I switched to diet or 'no sugar' but really didn't like the taste. 

My son suggested Pepsi Diet.  said it might taste more like the coke. I was great!  I was amazed, thought it really funny and ironic!

Rarely drink carbonated drinks anymore and for some reason cola's have completely lost favour with me.


----------



## Andy M. (Jun 10, 2022)

I don't drink a soft drinks often. But when I do, it's Coke. I find Pepsi too sweet.


----------



## taxlady (Jun 10, 2022)

I don't drink softdrinks often, other than club soda. I used to prefer Coke to Pepsi. I was surprised the day I noticed there actually was a difference. I asked for a Coke in a resto to go with a meal. The glass of brown, fizzy beverage arrived. I could tell by the smell, even before I tasted it, that it wasn't Coke. Yup, it was Pepsi.
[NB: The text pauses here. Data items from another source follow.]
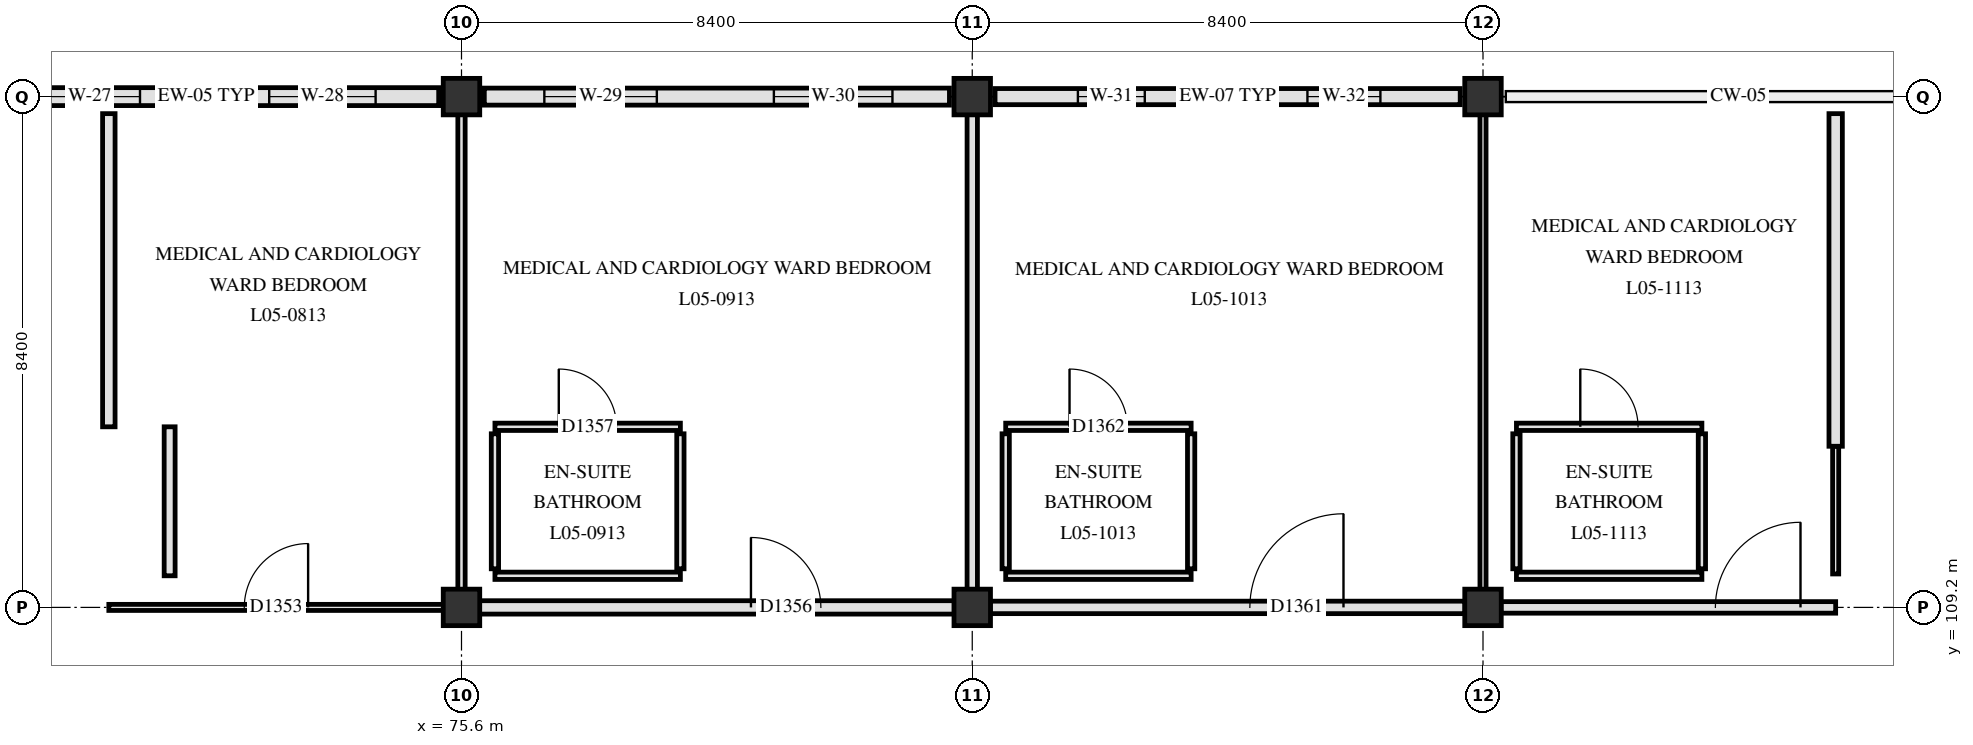
"""IFC4 building model, lengths in metres.
Left out: names, types, materials, properties, quantities, classifications, styles, units other than length and angle.
Written with IfcOpenShell. Run it as: python <this file> out.ifc"""

import sys

from ifc_helpers import new_model, si_unit, direction, frame, frame_2d, origin, origin_2d, place, context, subcontext, project, spatial, rectangle, extrude, element, fill, save


model = new_model("IFC4")
c1 = context("Model", 3, precision=1e-05, world=origin(), true_north=direction((0.0, 1.0)))
c2 = subcontext(c1, "Body", "Model", "MODEL_VIEW")
j1 = project(units=[si_unit("LENGTHUNIT", "METRE"), si_unit("PLANEANGLEUNIT", "RADIAN")], contexts=[c1])
p1 = place(None, origin())
s1 = spatial("IfcSite", under=j1, at=p1, CompositionType="ELEMENT")
p2 = place(p1, origin())
s2 = spatial("IfcBuilding", under=s1, at=p2, CompositionType="ELEMENT")
p3 = place(p2, frame((0.0, 0.0, 22.5)))
s3 = spatial("IfcBuildingStorey", under=s2, at=p3, CompositionType="ELEMENT", Elevation=22.5)
for number, where, z_axis, x_axis in (
    (1, (75.6, 109.2, 0.0), (0.0, 0.0, 1.0), (1.0, 0.0, 0.0)),
    (2, (75.6, 117.6, 0.0), (0.0, 0.0, 1.0), (1.0, 0.0, 0.0)),
    (3, (84.0, 109.2, 0.0), (0.0, 0.0, 1.0), (1.0, 0.0, 0.0)),
    (4, (84.0, 117.6, 0.0), (0.0, 0.0, 1.0), (1.0, 0.0, 0.0)),
    (5, (92.4, 109.2, 0.0), (0.0, 0.0, 1.0), (1.0, 0.0, 0.0)),
    (6, (92.4, 117.6, 0.0), (0.0, 0.0, 1.0), (1.0, 0.0, 0.0)),
):
    element("IfcColumn", number, at=place(p3, frame(where, z_axis=z_axis, x_axis=x_axis)), inside=s3, PredefinedType="COLUMN", context=c2, shape_type="SweptSolid", body=[
        extrude(rectangle(XDim=0.6, YDim=0.6, at=origin_2d()), origin(), (0.0, 0.0, 1.0), 3.9),
    ])
p4 = place(p3, frame((67.575, 117.6, 0.0), z_axis=(0.0, 0.0, 1.0), x_axis=(1.0, 0.0, 0.0)))
e7 = element("IfcWall", 7, at=p4, inside=s3, PredefinedType="SOLIDWALL", context=c2, shape_type="SweptSolid", body=[
    extrude(rectangle(XDim=7.65, YDim=0.295, at=frame_2d((3.825, 0.0))), origin(), (0.0, 0.0, 1.0), 3.31),
])
p5 = place(p4, frame((1.087, 0.0, 0.85)))
e8 = element("IfcOpeningElement", 8, at=p5, cuts=e7, PredefinedType="OPENING", context=c2, shape_type="SweptSolid", body=[
    extrude(rectangle(XDim=1.65, YDim=1.54, at=frame_2d((0.825, 0.77))), frame((0.0, 0.157, 0.0), z_axis=(0.0, -1.0, 0.0), x_axis=(1.0, 0.0, 0.0)), (0.0, 0.0, 1.0), 0.315),
])
p6 = place(p4, frame((4.863, 0.0, 0.85)))
e9 = element("IfcOpeningElement", 9, at=p6, cuts=e7, PredefinedType="OPENING", context=c2, shape_type="SweptSolid", body=[
    extrude(rectangle(XDim=1.75, YDim=1.54, at=frame_2d((0.875, 0.77))), frame((0.0, 0.157, 0.0), z_axis=(0.0, -1.0, 0.0), x_axis=(1.0, 0.0, 0.0)), (0.0, 0.0, 1.0), 0.315),
])
p7 = place(p3, frame((75.975, 117.6, 0.0), z_axis=(0.0, 0.0, 1.0), x_axis=(1.0, 0.0, 0.0)))
e10 = element("IfcWall", 10, at=p7, inside=s3, PredefinedType="SOLIDWALL", context=c2, shape_type="SweptSolid", body=[
    extrude(rectangle(XDim=7.65, YDim=0.28, at=frame_2d((3.825, 0.0))), origin(), (0.0, 0.0, 1.0), 3.31),
])
p8 = place(p7, frame((0.988, 0.0, 0.85)))
e11 = element("IfcOpeningElement", 11, at=p8, cuts=e10, PredefinedType="OPENING", context=c2, shape_type="SweptSolid", body=[
    extrude(rectangle(XDim=1.85, YDim=1.54, at=frame_2d((0.925, 0.77))), frame((0.0, 0.15, 0.0), z_axis=(0.0, -1.0, 0.0), x_axis=(1.0, 0.0, 0.0)), (0.0, 0.0, 1.0), 0.3),
])
p9 = place(p7, frame((4.762, 0.0, 0.85)))
e12 = element("IfcOpeningElement", 12, at=p9, cuts=e10, PredefinedType="OPENING", context=c2, shape_type="SweptSolid", body=[
    extrude(rectangle(XDim=1.95, YDim=1.54, at=frame_2d((0.975, 0.77))), frame((0.0, 0.15, 0.0), z_axis=(0.0, -1.0, 0.0), x_axis=(1.0, 0.0, 0.0)), (0.0, 0.0, 1.0), 0.3),
])
p10 = place(p3, frame((84.375, 117.6, 0.0), z_axis=(0.0, 0.0, 1.0), x_axis=(1.0, 0.0, 0.0)))
e13 = element("IfcWall", 13, at=p10, inside=s3, PredefinedType="SOLIDWALL", context=c2, shape_type="SweptSolid", body=[
    extrude(rectangle(XDim=7.65, YDim=0.265, at=frame_2d((3.825, 0.0))), origin(), (0.0, 0.0, 1.0), 3.31),
])
p11 = place(p10, frame((1.363, 0.0, 0.85)))
e14 = element("IfcOpeningElement", 14, at=p11, cuts=e13, PredefinedType="OPENING", context=c2, shape_type="SweptSolid", body=[
    extrude(rectangle(XDim=1.1, YDim=1.66, at=frame_2d((0.55, 0.83))), frame((0.0, 0.142, 0.0), z_axis=(0.0, -1.0, 0.0), x_axis=(1.0, 0.0, 0.0)), (0.0, 0.0, 1.0), 0.285),
])
p12 = place(p10, frame((5.137, 0.0, 0.85)))
e15 = element("IfcOpeningElement", 15, at=p12, cuts=e13, PredefinedType="OPENING", context=c2, shape_type="SweptSolid", body=[
    extrude(rectangle(XDim=1.2, YDim=1.66, at=frame_2d((0.6, 0.83))), frame((0.0, 0.142, 0.0), z_axis=(0.0, -1.0, 0.0), x_axis=(1.0, 0.0, 0.0)), (0.0, 0.0, 1.0), 0.285),
])
p13 = place(p3, frame((69.8, 109.2, 0.0), z_axis=(0.0, 0.0, 1.0), x_axis=(1.0, 0.0, 0.0)))
e16 = element("IfcWall", 16, at=p13, inside=s3, PredefinedType="PARTITIONING", context=c2, shape_type="SweptSolid", body=[
    extrude(rectangle(XDim=5.505, YDim=0.1, at=frame_2d((2.752, 0.0))), origin(), (0.0, 0.0, 1.0), 3.16),
])
p14 = place(p13, frame((2.228, 0.0, 0.0)))
e17 = element("IfcOpeningElement", 17, at=p14, cuts=e16, PredefinedType="OPENING", context=c2, shape_type="SweptSolid", body=[
    extrude(rectangle(XDim=1.05, YDim=2.15, at=frame_2d((0.525, 1.075))), frame((0.0, 0.06, 0.0), z_axis=(0.0, -1.0, 0.0), x_axis=(1.0, 0.0, 0.0)), (0.0, 0.0, 1.0), 0.12),
])
p15 = place(p3, frame((75.895, 109.2, 0.0), z_axis=(0.0, 0.0, 1.0), x_axis=(1.0, 0.0, 0.0)))
e18 = element("IfcWall", 18, at=p15, inside=s3, PredefinedType="PARTITIONING", context=c2, shape_type="SweptSolid", body=[
    extrude(rectangle(XDim=7.81, YDim=0.22, at=frame_2d((3.905, 0.0))), origin(), (0.0, 0.0, 1.0), 3.16),
])
p16 = place(p15, frame((4.466, 0.0, 0.0)))
e19 = element("IfcOpeningElement", 19, at=p16, cuts=e18, PredefinedType="OPENING", context=c2, shape_type="SweptSolid", body=[
    extrude(rectangle(XDim=1.15, YDim=2.15, at=frame_2d((0.575, 1.075))), frame((0.0, 0.12, 0.0), z_axis=(0.0, -1.0, 0.0), x_axis=(1.0, 0.0, 0.0)), (0.0, 0.0, 1.0), 0.24),
])
p17 = place(p3, frame((84.295, 109.2, 0.0), z_axis=(0.0, 0.0, 1.0), x_axis=(1.0, 0.0, 0.0)))
e20 = element("IfcWall", 20, at=p17, inside=s3, PredefinedType="PARTITIONING", context=c2, shape_type="SweptSolid", body=[
    extrude(rectangle(XDim=7.81, YDim=0.205, at=frame_2d((3.905, 0.0))), origin(), (0.0, 0.0, 1.0), 3.16),
])
p18 = place(p17, frame((4.271, 0.0, 0.0)))
e21 = element("IfcOpeningElement", 21, at=p18, cuts=e20, PredefinedType="OPENING", context=c2, shape_type="SweptSolid", body=[
    extrude(rectangle(XDim=1.54, YDim=2.24, at=frame_2d((0.77, 1.12))), frame((0.0, 0.113, 0.0), z_axis=(0.0, -1.0, 0.0), x_axis=(1.0, 0.0, 0.0)), (0.0, 0.0, 1.0), 0.225),
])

But, Coke did that New Coke thing back in the 1980s and then had to make Coke Classic. The Coke Classic was classic when it came out. But, the by the next time I had one, about six months later, they had made the flavour revert to the something sweeter and more like the New Coke. Now, I don't drink Coke or Pepsi. I will make an exception for Coke, if someone has some that is kosher for Passover. There is no corn syrup in the one that's kosher for Passover. I haven't tried that yet, but friends tell me it tastes like Coke did back in the day.


----------



## Marlingardener (Jun 10, 2022)

I don't drink carbonated beverages since they just don't agree with me. My husband, who is diabetic, drinks the sugar-free Pepsi. He hasn't had a Coke for years. He likes the Pepsi, and when we can find it we get several two liter bottles.


----------



## dragnlaw (Jun 10, 2022)

LOL - I should have mentioned, I discovered it was not the sugar that was upsetting me in the carbonated drinks - it was the carbonation!  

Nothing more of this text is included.